In dem zugrunde liegenden Fall warben die Mitarbeiter eines Telekommunikationsanbieters auf öffentlichen Straßen, Plätzen und Einkaufszentren mit Pre-Selection-Verträgen. Dazu traten sie auf Passanten zu und sprachen sie direkt an. Die Deutsche Telekom sah darin eine unzulässige Werbung und hielt dies für wettbewerbswidrig. Sie klagte daher auf Unterlassung. Das Landgericht Köln gab der Klage statt. Das Oberlandesgericht Köln wies die Berufung des verklagten Telekommunikationsunternehmens zurück. Seiner Meinung nach, habe der Unterlassungsanspruch unter dem Gesichtspunkt des Kundenanreißens durch Belästigung und aufgrund der Überrumpelung bzw. Verstrickung der Kunden bestanden. Gegen das Berufungsurteil legte der Telefonanbieter Revision ein.
Der Bundesgerichtshof entschied gegen das Telekommunikationsunternehmen. Der Deutschen Telekom habe der Unterlassungsanspruch zugestanden. Denn das gezielte Ansprechen von Personen an öffentlichen Orten sei grundsätzlich als wettbewerbswidrig anzusehen (vgl. BGH, Urt. v. 08.04.1960 - I ZR 24/59 = GRUR 1960, 431 und BGH, Urt. v. 08.07.1999 - I ZR 118/97 = GRUR 2000, 235).
Die Wettbewerbswidrigkeit habe sich nach Ansicht des Bundesgerichtshofs jedoch nicht daraus ergeben, dass viele Passanten durch die persönliche Ansprache in eine Zwangslage versetzt werden, der sie sich häufig nur dadurch entziehen zu können glaubten, dass sie auf das Angebot eingehen. Die Gefahr einer solchen Verstrickung oder Überrumpelung und damit eines unerwünschten Vertragsschlusses habe angesichts des heutigen mündigen Verbrauchers nicht mehr bestanden. Eine solche Werbemethode sei daher, zumindest was die Gefahr einer Zwangslage anbelangt, nicht mehr als unlauter anzusehen.
Die Unlauterkeit der Werbung habe sich aber nach Auffassung des Gerichtshofs aus dem belästigenden Charakter der Werbemethode ergeben. Die Belästigung habe sich daraus ergeben, dass ein Eingriff in die Individualsphäre des Passanten und in sein Recht im öffentlichen Raum weitestgehend ungestört zu bleiben, bestand. Dabei ergebe sich die Schwere des Eingriffs nicht so sehr aus der einzelnen Werbemaßnahme, sondern aus der Gefahr der Nachahmung. Werde eine solche Werbemethode zugelassen, bestehe die Gefahr, dass eine Vielzahl von Anbietern von dieser Methode Gebrauch machen. Dies würde zu einer unerträglichen Beeinträchtigung der umworbenen Verbraucher führen.
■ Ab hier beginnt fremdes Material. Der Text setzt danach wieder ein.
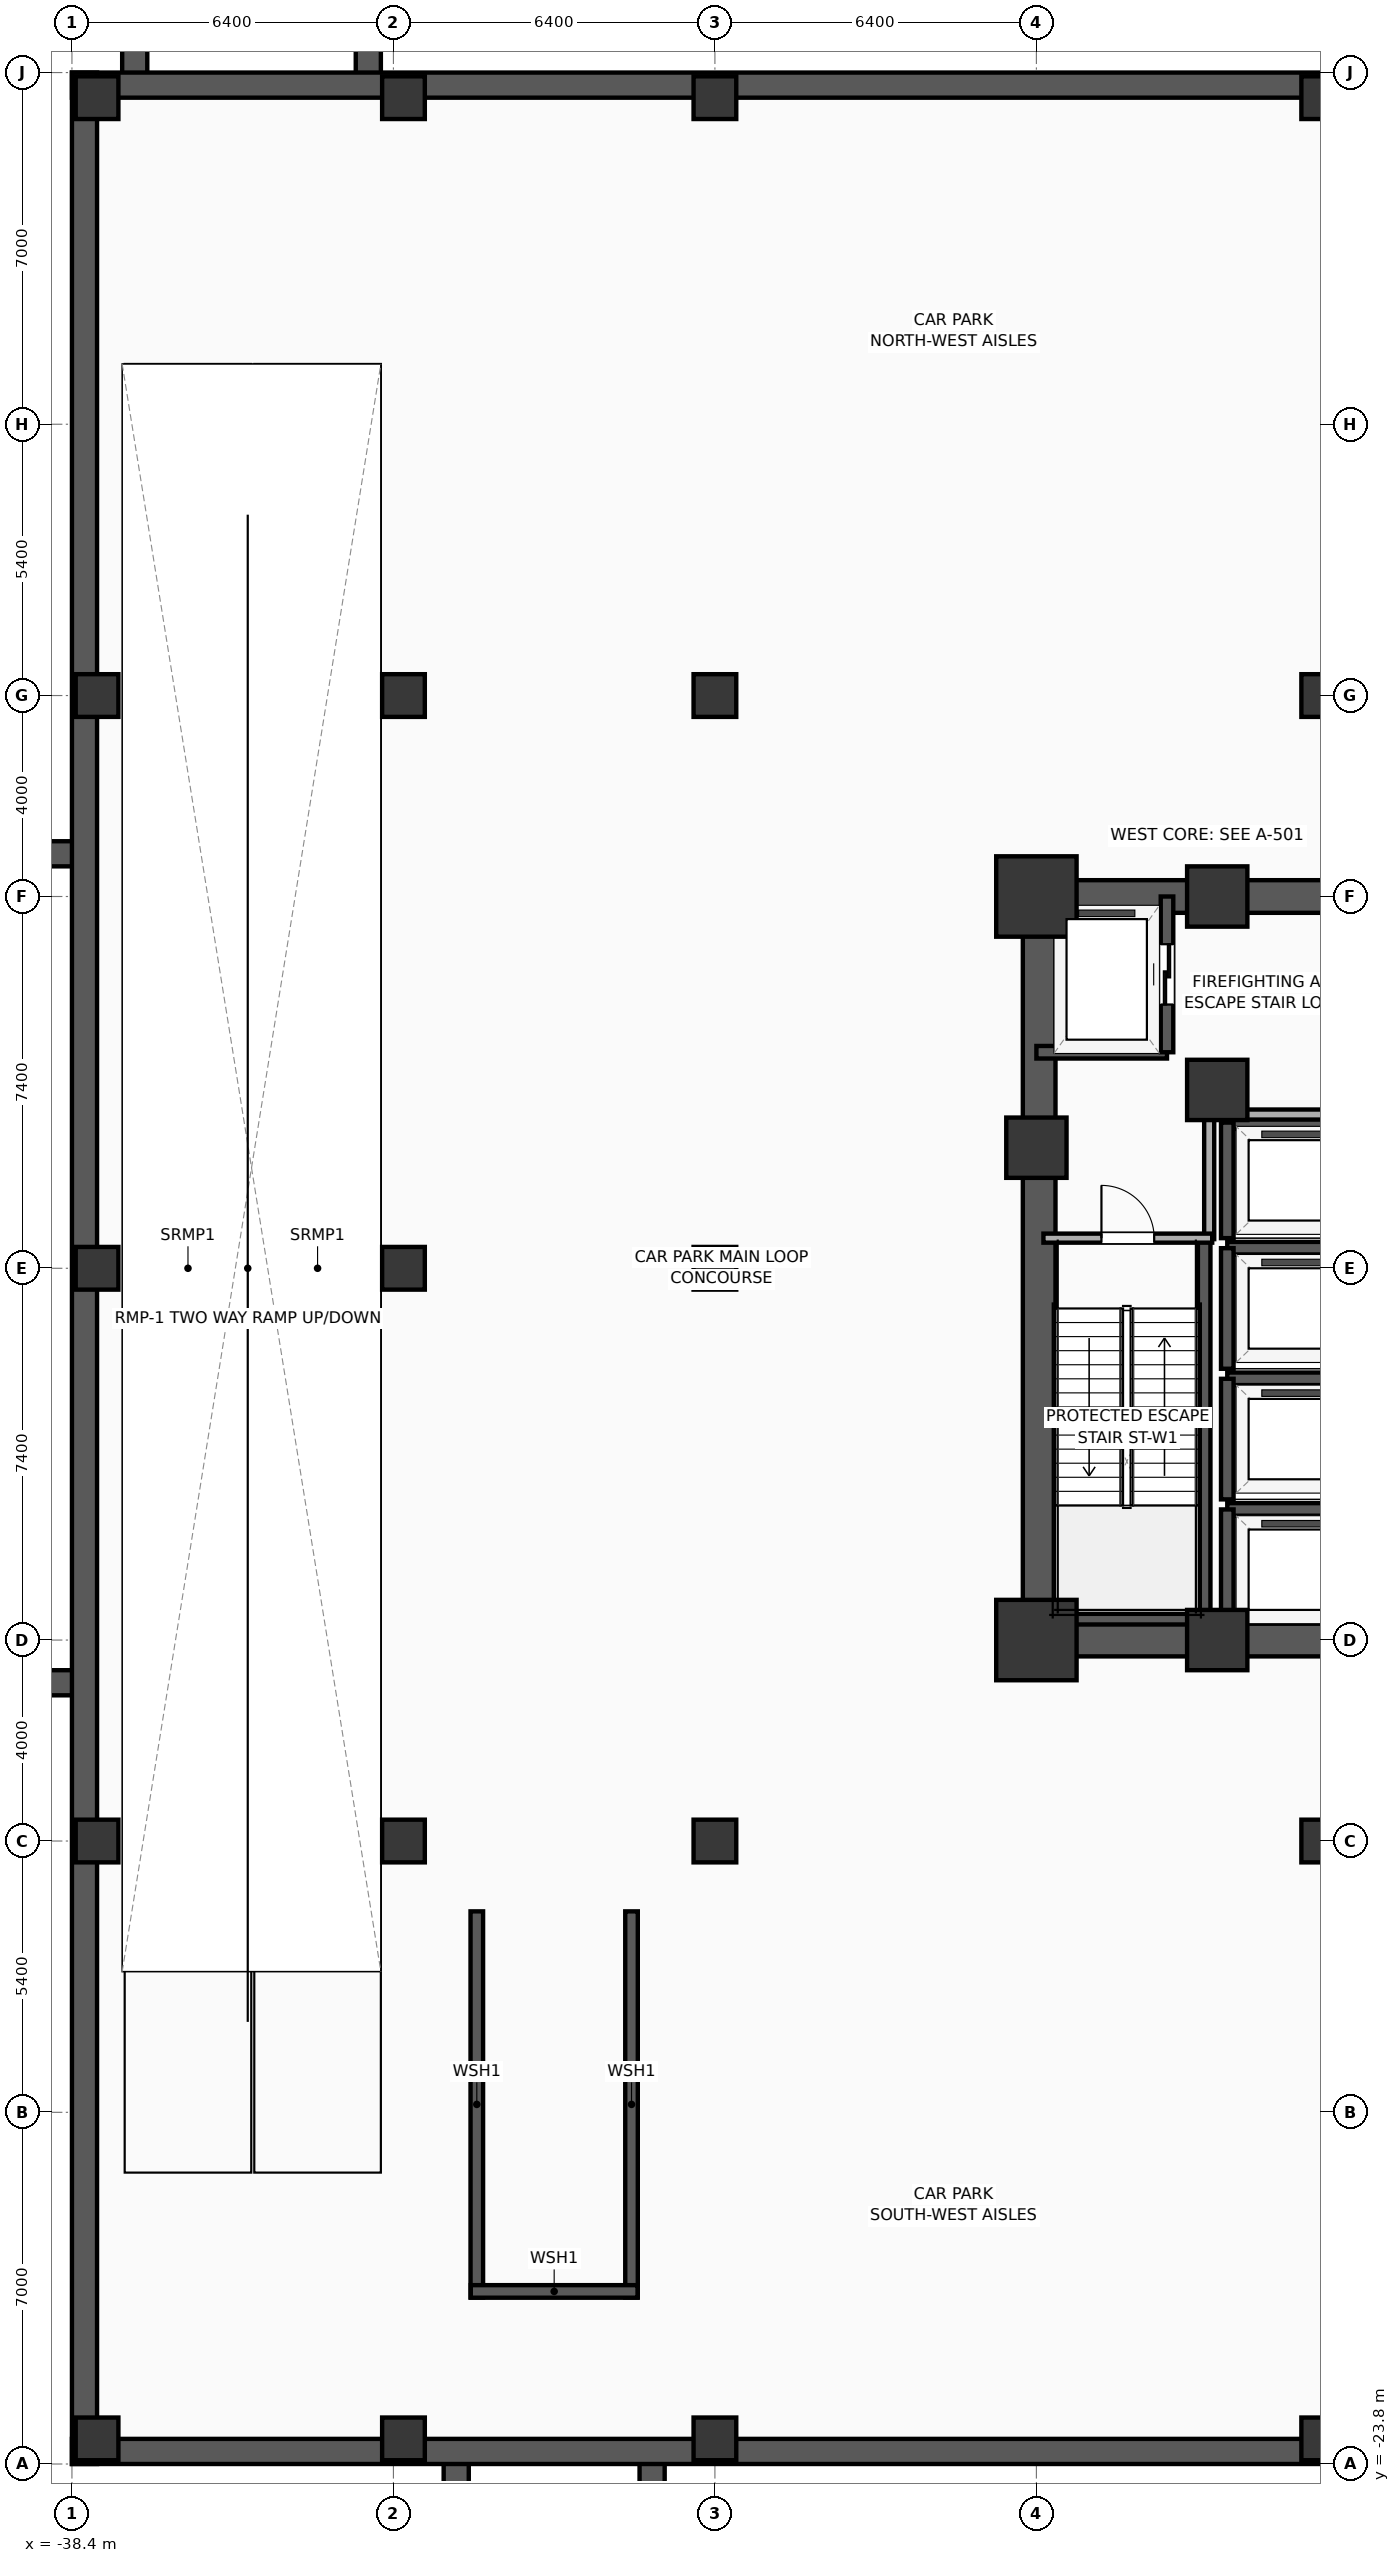
"""IFC4 building model, lengths in metres.
Left out: names, types, materials, properties, quantities, classifications, styles, units other than length and angle.
Written with IfcOpenShell. Run it as: python <this file> out.ifc"""

import sys

from ifc_helpers import new_model, si_unit, direction, frame, frame_2d, origin, origin_2d, place, context, subcontext, project, spatial, rectangle, extrude, element, fill, save


model = new_model("IFC4")
c1 = context("Model", 3, precision=1e-05, world=origin(), true_north=direction((0.0, 1.0)))
c2 = subcontext(c1, "Body", "Model", "MODEL_VIEW")
j1 = project(units=[si_unit("LENGTHUNIT", "METRE"), si_unit("PLANEANGLEUNIT", "RADIAN")], contexts=[c1])
p1 = place(None, origin())
s1 = spatial("IfcSite", under=j1, at=p1, CompositionType="ELEMENT")
p2 = place(p1, origin())
s2 = spatial("IfcBuilding", under=s1, at=p2, CompositionType="ELEMENT")
p3 = place(p2, frame((0.0, 0.0, -5.2)))
s3 = spatial("IfcBuildingStorey", under=s2, at=p3, CompositionType="ELEMENT", Elevation=-5.2)
for number, where, z_axis, x_axis in (
    (1, (-37.15, 23.55, 0.0), (0.0, 0.0, 1.0), (0.0, 1.0, 0.0)),
    (2, (-32.5, 23.55, 0.0), (0.0, 0.0, 1.0), (0.0, 1.0, 0.0)),
):
    element("IfcWall", number, at=place(p3, frame(where, z_axis=z_axis, x_axis=x_axis)), inside=s3, PredefinedType="USERDEFINED", context=c2, shape_type="SweptSolid", body=[
        extrude(rectangle(XDim=3.6, YDim=0.5, at=frame_2d((1.8, 0.0))), origin(), (0.0, 0.0, 1.0), 5.02),
    ])
for number, where, z_axis, x_axis in (
    (3, (-30.75, -26.95, 0.0), (0.0, 0.0, 1.0), (0.0, 1.0, 0.0)),
    (4, (-26.85, -26.95, 0.0), (0.0, 0.0, 1.0), (0.0, 1.0, 0.0)),
):
    element("IfcWall", number, at=place(p3, frame(where, z_axis=z_axis, x_axis=x_axis)), inside=s3, PredefinedType="USERDEFINED", context=c2, shape_type="SweptSolid", body=[
        extrude(rectangle(XDim=3.4, YDim=0.5, at=frame_2d((1.7, 0.0))), origin(), (0.0, 0.0, 1.0), 5.02),
    ])
for number, where, z_axis, x_axis in (
    (5, (-42.35, -8.25, 0.0), (0.0, 0.0, 1.0), (1.0, 0.0, 0.0)),
    (6, (-42.35, 8.25, 0.0), (0.0, 0.0, 1.0), (1.0, 0.0, 0.0)),
):
    element("IfcWall", number, at=place(p3, frame(where, z_axis=z_axis, x_axis=x_axis)), inside=s3, PredefinedType="USERDEFINED", context=c2, shape_type="SweptSolid", body=[
        extrude(rectangle(XDim=4.2, YDim=0.5, at=frame_2d((2.1, 0.0))), origin(), (0.0, 0.0, 1.0), 5.02),
    ])
p4 = place(p3, frame((-19.2, -7.4, 0.0), z_axis=(0.0, 0.0, 1.0), x_axis=(1.0, 0.0, 0.0)))
e7 = element("IfcColumn", 7, at=p4, inside=s3, PredefinedType="COLUMN", context=c2, shape_type="SweptSolid", body=[
    extrude(rectangle(XDim=1.6, YDim=1.6, at=origin_2d()), origin(), (0.0, 0.0, 1.0), 5.2),
])
p5 = place(p3, frame((-19.2, 2.4, 0.0), z_axis=(0.0, 0.0, 1.0), x_axis=(1.0, 0.0, 0.0)))
e8 = element("IfcColumn", 8, at=p5, inside=s3, PredefinedType="COLUMN", context=c2, shape_type="SweptSolid", body=[
    extrude(rectangle(XDim=1.2, YDim=1.2, at=origin_2d()), origin(), (0.0, 0.0, 1.0), 5.2),
])
p6 = place(p3, frame((-19.2, 7.4, 0.0), z_axis=(0.0, 0.0, 1.0), x_axis=(1.0, 0.0, 0.0)))
e9 = element("IfcColumn", 9, at=p6, inside=s3, PredefinedType="COLUMN", context=c2, shape_type="SweptSolid", body=[
    extrude(rectangle(XDim=1.6, YDim=1.6, at=origin_2d()), origin(), (0.0, 0.0, 1.0), 5.2),
])
for number, where, z_axis, x_axis in (
    (10, (-15.6, -7.4, 0.0), (0.0, 0.0, 1.0), (1.0, 0.0, 0.0)),
    (11, (-15.6, 7.4, 0.0), (0.0, 0.0, 1.0), (1.0, 0.0, 0.0)),
    (12, (-15.6, 3.55, 0.0), (0.0, 0.0, 1.0), (1.0, 0.0, 0.0)),
):
    element("IfcColumn", number, at=place(p3, frame(where, z_axis=z_axis, x_axis=x_axis)), inside=s3, PredefinedType="COLUMN", context=c2, shape_type="SweptSolid", body=[
        extrude(rectangle(XDim=1.2, YDim=1.2, at=origin_2d()), origin(), (0.0, 0.0, 1.0), 5.2),
    ])
for number, where, z_axis, x_axis in (
    (13, (-19.525, -7.4, 0.0), (0.0, 0.0, 1.0), (1.0, 0.0, 0.0)),
    (14, (-19.525, 7.4, 0.0), (0.0, 0.0, 1.0), (1.0, 0.0, 0.0)),
):
    element("IfcWall", number, at=place(p3, frame(where, z_axis=z_axis, x_axis=x_axis)), inside=s3, PredefinedType="SHEAR", context=c2, shape_type="SweptSolid", body=[
        extrude(rectangle(XDim=7.45, YDim=0.65, at=frame_2d((3.725, 0.0))), origin(), (0.0, 0.0, 1.0), 4.92),
    ])
p7 = place(p3, frame((-19.145, -7.4, 0.0), z_axis=(0.0, 0.0, 1.0), x_axis=(0.0, 1.0, 0.0)))
e15 = element("IfcWall", 15, at=p7, inside=s3, PredefinedType="SHEAR", context=c2, shape_type="SweptSolid", body=[
    extrude(rectangle(XDim=14.8, YDim=0.65, at=frame_2d((7.4, 0.0))), origin(), (0.0, 0.0, 1.0), 4.92),
])
p8 = place(p3, frame((-15.86, -7.085, 0.0), z_axis=(0.0, 0.0, 1.0), x_axis=(0.0, 1.0, 0.0)))
e16 = element("IfcWall", 16, at=p8, inside=s3, PredefinedType="SOLIDWALL", context=c2, shape_type="SweptSolid", body=[
    extrude(rectangle(XDim=7.685, YDim=0.25, at=frame_2d((3.843, 0.0))), origin(), (0.0, 0.0, 1.0), 4.92),
])
p9 = place(p3, frame((-19.2, -6.965, 0.0), z_axis=(0.0, 0.0, 1.0), x_axis=(1.0, 0.0, 0.0)))
e17 = element("IfcWall", 17, at=p9, inside=s3, PredefinedType="SOLIDWALL", context=c2, shape_type="SweptSolid", body=[
    extrude(rectangle(XDim=3.46, YDim=0.25, at=frame_2d((1.73, 0.0))), origin(), (0.0, 0.0, 1.0), 4.92),
])
for number, where, z_axis, x_axis in (
    (18, (-30.34, -20.485, 0.0), (0.0, 0.0, 1.0), (0.0, 1.0, 0.0)),
    (19, (-27.26, -20.485, 0.0), (0.0, 0.0, 1.0), (0.0, 1.0, 0.0)),
):
    element("IfcWall", number, at=place(p3, frame(where, z_axis=z_axis, x_axis=x_axis)), inside=s3, PredefinedType="SOLIDWALL", context=c2, shape_type="SweptSolid", body=[
        extrude(rectangle(XDim=7.685, YDim=0.25, at=frame_2d((3.843, 0.0))), origin(), (0.0, 0.0, 1.0), 4.92),
    ])
p10 = place(p3, frame((-30.46, -20.365, 0.0), z_axis=(0.0, 0.0, 1.0), x_axis=(1.0, 0.0, 0.0)))
e20 = element("IfcWall", 20, at=p10, inside=s3, PredefinedType="SOLIDWALL", context=c2, shape_type="SweptSolid", body=[
    extrude(rectangle(XDim=3.32, YDim=0.25, at=frame_2d((1.66, 0.0))), origin(), (0.0, 0.0, 1.0), 4.92),
])
for number, where, z_axis, x_axis in (
    (21, (-38.4, -23.55, 0.0), (0.0, 0.0, 1.0), (1.0, 0.0, 0.0)),
    (22, (-38.4, 23.55, 0.0), (0.0, 0.0, 1.0), (1.0, 0.0, 0.0)),
):
    element("IfcWall", number, at=place(p3, frame(where, z_axis=z_axis, x_axis=x_axis)), inside=s3, PredefinedType="USERDEFINED", context=c2, shape_type="SweptSolid", body=[
        extrude(rectangle(XDim=74.0, YDim=0.5, at=frame_2d((37.0, 0.0))), origin(), (0.0, 0.0, 1.0), 4.92),
    ])
p11 = place(p3, frame((-38.15, -23.8, 0.0), z_axis=(0.0, 0.0, 1.0), x_axis=(0.0, 1.0, 0.0)))
e23 = element("IfcWall", 23, at=p11, inside=s3, PredefinedType="USERDEFINED", context=c2, shape_type="SweptSolid", body=[
    extrude(rectangle(XDim=47.6, YDim=0.5, at=frame_2d((23.8, 0.0))), origin(), (0.0, 0.0, 1.0), 4.92),
])
for number, where, z_axis, x_axis in (
    (24, (-37.9, -23.3, 0.0), (0.0, 0.0, 1.0), (1.0, 0.0, 0.0)),
    (25, (-37.9, -11.4, 0.0), (0.0, 0.0, 1.0), (1.0, 0.0, 0.0)),
    (26, (-37.9, 0.0, 0.0), (0.0, 0.0, 1.0), (1.0, 0.0, 0.0)),
    (27, (-37.9, 11.4, 0.0), (0.0, 0.0, 1.0), (1.0, 0.0, 0.0)),
    (28, (-37.9, 23.3, 0.0), (0.0, 0.0, 1.0), (1.0, 0.0, 0.0)),
    (29, (-31.8, -23.3, 0.0), (0.0, 0.0, 1.0), (1.0, 0.0, 0.0)),
    (30, (-31.8, -11.4, 0.0), (0.0, 0.0, 1.0), (1.0, 0.0, 0.0)),
    (31, (-31.8, 0.0, 0.0), (0.0, 0.0, 1.0), (1.0, 0.0, 0.0)),
    (32, (-31.8, 11.4, 0.0), (0.0, 0.0, 1.0), (1.0, 0.0, 0.0)),
    (33, (-31.8, 23.3, 0.0), (0.0, 0.0, 1.0), (1.0, 0.0, 0.0)),
    (34, (-25.6, -23.3, 0.0), (0.0, 0.0, 1.0), (1.0, 0.0, 0.0)),
    (35, (-25.6, -11.4, 0.0), (0.0, 0.0, 1.0), (1.0, 0.0, 0.0)),
    (36, (-25.6, 0.0, 0.0), (0.0, 0.0, 1.0), (1.0, 0.0, 0.0)),
    (37, (-25.6, 11.4, 0.0), (0.0, 0.0, 1.0), (1.0, 0.0, 0.0)),
    (38, (-25.6, 23.3, 0.0), (0.0, 0.0, 1.0), (1.0, 0.0, 0.0)),
    (39, (-13.5, -23.3, 0.0), (0.0, 0.0, 1.0), (1.0, 0.0, 0.0)),
    (40, (-13.5, -11.4, 0.0), (0.0, 0.0, 1.0), (1.0, 0.0, 0.0)),
    (41, (-13.5, 11.4, 0.0), (0.0, 0.0, 1.0), (1.0, 0.0, 0.0)),
    (42, (-13.5, 23.3, 0.0), (0.0, 0.0, 1.0), (1.0, 0.0, 0.0)),
):
    element("IfcColumn", number, at=place(p3, frame(where, z_axis=z_axis, x_axis=x_axis)), inside=s3, PredefinedType="COLUMN", context=c2, shape_type="SweptSolid", body=[
        extrude(rectangle(XDim=0.85, YDim=0.85, at=origin_2d()), origin(), (0.0, 0.0, 1.0), 5.2),
    ])
p12 = place(p3, frame((-19.2, 4.3, 0.0), z_axis=(0.0, 0.0, 1.0), x_axis=(1.0, 0.0, 0.0)))
e43 = element("IfcWall", 43, at=p12, inside=s3, PredefinedType="SOLIDWALL", context=c2, shape_type="SweptSolid", body=[
    extrude(rectangle(XDim=2.6, YDim=0.25, at=frame_2d((1.3, 0.0))), origin(), (0.0, 0.0, 1.0), 4.92),
])
p13 = place(p3, frame((-16.6, 4.3, 0.0), z_axis=(0.0, 0.0, 1.0), x_axis=(0.0, 1.0, 0.0)))
e44 = element("IfcWall", 44, at=p13, inside=s3, PredefinedType="SOLIDWALL", context=c2, shape_type="SweptSolid", body=[
    extrude(rectangle(XDim=3.1, YDim=0.25, at=frame_2d((1.55, 0.0))), origin(), (0.0, 0.0, 1.0), 4.92),
])
p14 = place(p13, frame((0.95, 0.0, 0.0)))
e45 = element("IfcOpeningElement", 45, at=p14, cuts=e44, PredefinedType="OPENING", context=c2, shape_type="SweptSolid", body=[
    extrude(rectangle(XDim=1.2, YDim=2.05, at=frame_2d((0.6, 1.025))), frame((0.0, 0.135, 0.0), z_axis=(0.0, -1.0, 0.0), x_axis=(1.0, 0.0, 0.0)), (0.0, 0.0, 1.0), 0.27),
])
p15 = place(p3, frame((-12.4, -4.8, 0.0), z_axis=(0.0, 0.0, 1.0), x_axis=(-1.0, 0.0, 0.0)))
e46 = element("IfcWall", 46, at=p15, inside=s3, PredefinedType="SOLIDWALL", context=c2, shape_type="SweptSolid", body=[
    extrude(rectangle(XDim=3.0, YDim=0.25, at=frame_2d((1.5, 0.0))), origin(), (0.0, 0.0, 1.0), 4.92),
])
p16 = place(p3, frame((-15.4, -4.8, 0.0), z_axis=(0.0, 0.0, 1.0), x_axis=(0.0, -1.0, 0.0)))
e47 = element("IfcWall", 47, at=p16, inside=s3, PredefinedType="SOLIDWALL", context=c2, shape_type="SweptSolid", body=[
    extrude(rectangle(XDim=2.6, YDim=0.25, at=frame_2d((1.3, 0.0))), origin(), (0.0, 0.0, 1.0), 4.92),
])
p17 = place(p3, frame((-12.4, -2.2, 0.0), z_axis=(0.0, 0.0, 1.0), x_axis=(-1.0, 0.0, 0.0)))
e48 = element("IfcWall", 48, at=p17, inside=s3, PredefinedType="SOLIDWALL", context=c2, shape_type="SweptSolid", body=[
    extrude(rectangle(XDim=3.0, YDim=0.25, at=frame_2d((1.5, 0.0))), origin(), (0.0, 0.0, 1.0), 4.92),
])
p18 = place(p3, frame((-15.4, -2.2, 0.0), z_axis=(0.0, 0.0, 1.0), x_axis=(0.0, -1.0, 0.0)))
e49 = element("IfcWall", 49, at=p18, inside=s3, PredefinedType="SOLIDWALL", context=c2, shape_type="SweptSolid", body=[
    extrude(rectangle(XDim=2.4, YDim=0.25, at=frame_2d((1.2, 0.0))), origin(), (0.0, 0.0, 1.0), 4.92),
])
p19 = place(p3, frame((-12.4, 0.4, 0.0), z_axis=(0.0, 0.0, 1.0), x_axis=(-1.0, 0.0, 0.0)))
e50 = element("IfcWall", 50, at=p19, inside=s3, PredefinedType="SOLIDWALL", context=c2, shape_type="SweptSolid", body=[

Dazu komme aus Sicht der Bundesrichter, dass sich ein Werbender, der sich als solcher nicht zu erkennen gibt, das Gebot der Höflichkeit der Passanten ausnutzt. Denn unter zivilisierten Menschen sei es höflich und üblich, einer fremden Person nicht von vornherein abweisend und ablehnend gegenüberzutreten. Auch daraus habe sich die Unlauterkeit der Werbemaßnahme ergeben.
Die Vorschriften des Widerrufsrechts bei Haustürgeschäften haben aus Sicht des Gerichtshofs der Annahme der Wettbewerbswidrigkeit der Werbemethode nicht entgegengestanden. Denn die Widerrufsmöglichkeit nach § 312 BGB habe den belästigenden Charakter der Werbemaßnahme und damit die wettbewerbsrechtliche Unlauterkeit nicht beseitigt. Der nachträgliche Widerruf beseitige lediglich die zivilrechtlichen Folgen einer möglichen Überrumpelung. Daher stehe, dass den Verbrauchern gewährte Recht des Widerrufs zur Beseitigung der Folgen eines möglicherweise nach überraschender Ansprache abgeschlossenen Vertrags, neben dem Schutz seines Rechts unbelästigt zu bleiben.
Darüber hinaus haben keine verfassungsrechtlichen Bedenken bestanden, so die Bundesrichter weiter. Das Interesse des Verbrauchers an seiner ungestörten Individualsphäre habe die wirtschaftlichen Belange des Werbenden überwogen. Insbesondere sei nicht dessen Berufsausübungsfreiheit in unzumutbarer Weise eingeschränkt worden, denn dem Telekommunikationsunternehmen habe weiterhin eine Vielzahl von anderen Werbemöglichkeiten im öffentlichen Raum zur Verfügung gestanden.